Lesson 12 (2019) discussion and wiki

rachel · April 18, 2019, 12:12am

Lesson resources

Lesson video
Swift for TF lesson signup (share with your friends! Signup not required for people in the full course already.)

Software requirements

Some nbs of this lesson also currently require pytorch-nightly if yours got de-installed see this.
Notebook 10c (and subsequent) requires the NVIDIA apex python library. In the environment you created for fastai go to the fastai directory and run pip install git+https://github.com/NVIDIA/apex.

Papers

Blogs

Notes and other resources

AMA about Swift at the end of class

Post your questions in this separate thread:

PierreO · April 18, 2019, 1:36am

Kind of a tangential question but since Jeremy mentioned it: do you have any tips on debugging Deep Learning models?

paul · April 18, 2019, 1:43am

Has mixup been successfully used in NLP yet?

sgugger · April 18, 2019, 1:43am

Not that I know of, but you should definitely try

Vishucyrus · April 18, 2019, 1:44am

The Audio module won’t be covered today ???

rachel · April 18, 2019, 1:44am

Last week we shared an updated schedule. The audio module will be covered in an extra session that will be livestreamed once the course ends. We had more material than will fit in the 7 weeks of the course.

Edited to add: the dates of the extra sessions have not been set yet.

yeldarb · April 18, 2019, 1:45am

Has anyone tried mixup and normal augmentation like rotation/zoom?

Seems like they’d be different augmentations that could be used together.

mcleavey · April 18, 2019, 1:45am

I tried playing around with mixup on NLP embeddings this past week and from early experimenting it seems to work well (maybe someone else has spent more time on it already!)

sgugger · April 18, 2019, 1:45am

We tried yes, and it’s the same as mixup without normal augmentation in our experiments.

yeldarb · April 18, 2019, 1:46am

Do you have an intuition for why that might be?

edwardeasling · April 18, 2019, 1:46am

How broadly can we apply mixup? Could you use it on an image regression problem?

sgugger · April 18, 2019, 1:47am

Mixup is much more powerful in terms of data augmentation, so it more or less erases everything else.

benjmann · April 18, 2019, 1:47am

on mac you can just type ctrl cmd space and type the name of the letter (ie ‘gamma’)

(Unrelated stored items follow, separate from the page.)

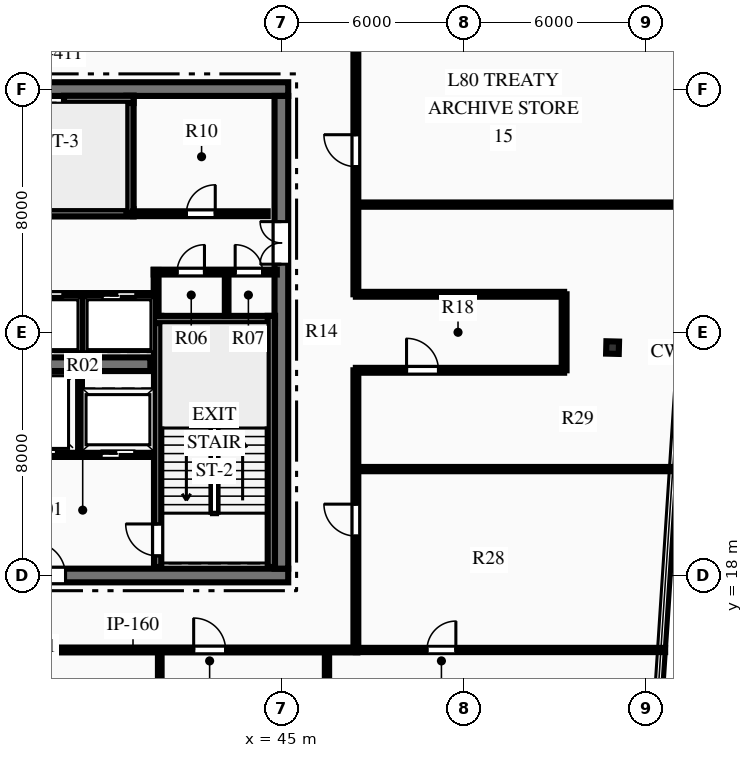
"""IFC4 building model, lengths in metres.
Left out: names, types, materials, properties, quantities, classifications, styles, units other than length and angle.
Written with IfcOpenShell. Run it as: python <this file> out.ifc"""

import sys

from ifc_helpers import new_model, si_unit, direction, frame, frame_2d, origin, origin_2d, place, context, subcontext, project, spatial, rectangle, i_section, extrude, element, fill, save


model = new_model("IFC4")
c1 = context("Model", 3, precision=1e-05, world=origin(), true_north=direction((0.0, 1.0)))
c2 = subcontext(c1, "Body", "Model", "MODEL_VIEW")
j1 = project(units=[si_unit("LENGTHUNIT", "METRE"), si_unit("PLANEANGLEUNIT", "RADIAN")], contexts=[c1])
p1 = place(None, origin())
s1 = spatial("IfcSite", under=j1, at=p1, CompositionType="ELEMENT")
p2 = place(p1, origin())
s2 = spatial("IfcBuilding", under=s1, at=p2, CompositionType="ELEMENT")
p3 = place(p2, frame((0.0, 0.0, 317.7)))
s3 = spatial("IfcBuildingStorey", under=s2, at=p3, CompositionType="ELEMENT", Elevation=317.7)
p4 = place(p3, frame((26.775, 18.0, 0.0), z_axis=(0.0, 0.0, 1.0), x_axis=(1.0, 0.0, 0.0)))
e1 = element("IfcWall", 1, at=p4, inside=s3, PredefinedType="SHEAR", context=c2, shape_type="SweptSolid", body=[
    extrude(rectangle(XDim=18.45, YDim=0.45, at=frame_2d((9.225, 0.0))), origin(), (0.0, 0.0, 1.0), 3.75),
])
p5 = place(p4, frame((7.325, 0.0, 0.0)))
e2 = element("IfcOpeningElement", 2, at=p5, cuts=e1, PredefinedType="OPENING", context=c2, shape_type="SweptSolid", body=[
    extrude(rectangle(XDim=1.1, YDim=2.15, at=frame_2d((0.55, 1.075))), frame((0.0, 0.235, 0.0), z_axis=(0.0, -1.0, 0.0), x_axis=(1.0, 0.0, 0.0)), (0.0, 0.0, 1.0), 0.47),
])
p6 = place(p4, frame((10.025, 0.0, 0.0)))
e3 = element("IfcOpeningElement", 3, at=p6, cuts=e1, PredefinedType="OPENING", context=c2, shape_type="SweptSolid", body=[
    extrude(rectangle(XDim=1.1, YDim=2.15, at=frame_2d((0.55, 1.075))), frame((0.0, 0.235, 0.0), z_axis=(0.0, -1.0, 0.0), x_axis=(1.0, 0.0, 0.0)), (0.0, 0.0, 1.0), 0.47),
])
p7 = place(p3, frame((26.775, 34.0, 0.0), z_axis=(0.0, 0.0, 1.0), x_axis=(1.0, 0.0, 0.0)))
e4 = element("IfcWall", 4, at=p7, inside=s3, PredefinedType="SHEAR", context=c2, shape_type="SweptSolid", body=[
    extrude(rectangle(XDim=18.45, YDim=0.45, at=frame_2d((9.225, 0.0))), origin(), (0.0, 0.0, 1.0), 3.75),
])
p8 = place(p3, frame((45.0, 18.225, 0.0), z_axis=(0.0, 0.0, 1.0), x_axis=(0.0, 1.0, 0.0)))
e5 = element("IfcWall", 5, at=p8, inside=s3, PredefinedType="SHEAR", context=c2, shape_type="SweptSolid", body=[
    extrude(rectangle(XDim=15.55, YDim=0.45, at=frame_2d((7.775, 0.0))), origin(), (0.0, 0.0, 1.0), 3.75),
])
p9 = place(p8, frame((10.015, 0.0, 0.0)))
e6 = element("IfcOpeningElement", 6, at=p9, cuts=e5, PredefinedType="OPENING", context=c2, shape_type="SweptSolid", body=[
    extrude(rectangle(XDim=1.4, YDim=2.2, at=frame_2d((0.7, 1.1))), frame((0.0, 0.235, 0.0), z_axis=(0.0, -1.0, 0.0), x_axis=(1.0, 0.0, 0.0)), (0.0, 0.0, 1.0), 0.47),
])
p10 = place(p3, frame((31.31, 24.95, 0.0), z_axis=(0.0, 0.0, 1.0), x_axis=(1.0, 0.0, 0.0)))
e7 = element("IfcWall", 7, at=p10, inside=s3, PredefinedType="SHEAR", context=c2, shape_type="SweptSolid", body=[
    extrude(rectangle(XDim=9.38, YDim=0.45, at=frame_2d((4.69, 0.0))), origin(), (0.0, 0.0, 1.0), 3.75),
])
p11 = place(p3, frame((40.93, 18.28, 0.0), z_axis=(0.0, 0.0, 1.0), x_axis=(0.0, 1.0, 0.0)))
e8 = element("IfcWall", 8, at=p11, inside=s3, PredefinedType="SHEAR", context=c2, shape_type="SweptSolid", body=[
    extrude(rectangle(XDim=8.26, YDim=0.24, at=frame_2d((4.13, 0.0))), origin(), (0.0, 0.0, 1.0), 3.75),
])
p12 = place(p11, frame((0.365, 0.0, 0.0)))
e9 = element("IfcOpeningElement", 9, at=p12, cuts=e8, PredefinedType="OPENING", context=c2, shape_type="SweptSolid", body=[
    extrude(rectangle(XDim=1.05, YDim=2.15, at=frame_2d((0.525, 1.075))), frame((0.0, 0.13, 0.0), z_axis=(0.0, -1.0, 0.0), x_axis=(1.0, 0.0, 0.0)), (0.0, 0.0, 1.0), 0.26),
])
p13 = place(p3, frame((40.81, 26.42, 0.0), z_axis=(0.0, 0.0, 1.0), x_axis=(1.0, 0.0, 0.0)))
e10 = element("IfcWall", 10, at=p13, inside=s3, PredefinedType="SHEAR", context=c2, shape_type="SweptSolid", body=[
    extrude(rectangle(XDim=3.98, YDim=0.24, at=frame_2d((1.99, 0.0))), origin(), (0.0, 0.0, 1.0), 3.75),
])
p14 = place(p3, frame((44.67, 18.28, 0.0), z_axis=(0.0, 0.0, 1.0), x_axis=(0.0, 1.0, 0.0)))
e11 = element("IfcWall", 11, at=p14, inside=s3, PredefinedType="SHEAR", context=c2, shape_type="SweptSolid", body=[
    extrude(rectangle(XDim=8.26, YDim=0.24, at=frame_2d((4.13, 0.0))), origin(), (0.0, 0.0, 1.0), 3.75),
])
p15 = place(p3, frame((31.76, 29.93, 0.0), z_axis=(0.0, 0.0, 1.0), x_axis=(1.0, 0.0, 0.0)))
e12 = element("IfcWall", 12, at=p15, inside=s3, PredefinedType="SHEAR", context=c2, shape_type="SweptSolid", body=[
    extrude(rectangle(XDim=8.38, YDim=0.24, at=frame_2d((4.19, 0.0))), origin(), (0.0, 0.0, 1.0), 3.75),
])
p16 = place(p15, frame((0.565, 0.0, 0.0)))
e13 = element("IfcOpeningElement", 13, at=p16, cuts=e12, PredefinedType="OPENING", context=c2, shape_type="SweptSolid", body=[
    extrude(rectangle(XDim=1.05, YDim=2.15, at=frame_2d((0.525, 1.075))), frame((0.0, 0.13, 0.0), z_axis=(0.0, -1.0, 0.0), x_axis=(1.0, 0.0, 0.0)), (0.0, 0.0, 1.0), 0.26),
])
p17 = place(p3, frame((40.02, 29.93, 0.0), z_axis=(0.0, 0.0, 1.0), x_axis=(0.0, 1.0, 0.0)))
e14 = element("IfcWall", 14, at=p17, inside=s3, PredefinedType="SHEAR", context=c2, shape_type="SweptSolid", body=[
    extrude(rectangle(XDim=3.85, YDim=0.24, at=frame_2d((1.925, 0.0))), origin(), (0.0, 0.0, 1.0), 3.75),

sgugger · April 18, 2019, 1:47am

As long as there is a way to mixup your labels, you can try. It has been wildly experimented in single label classification, not so much in other areas.

alenas · April 18, 2019, 1:48am

it seems mixup forces the model to behave linearly between training classes, why is this desirable?

sgugger · April 18, 2019, 1:50am

I’d reverse it into, why is this not desirable?

alenas · April 18, 2019, 1:50am

adversarial attacks proofing I guess

iyersathya · April 18, 2019, 1:52am

What about backprop with new loss?

sgugger · April 18, 2019, 1:52am

Some researchers actually found it helps against adversarial attacks (for a generalized version of Mixup): here.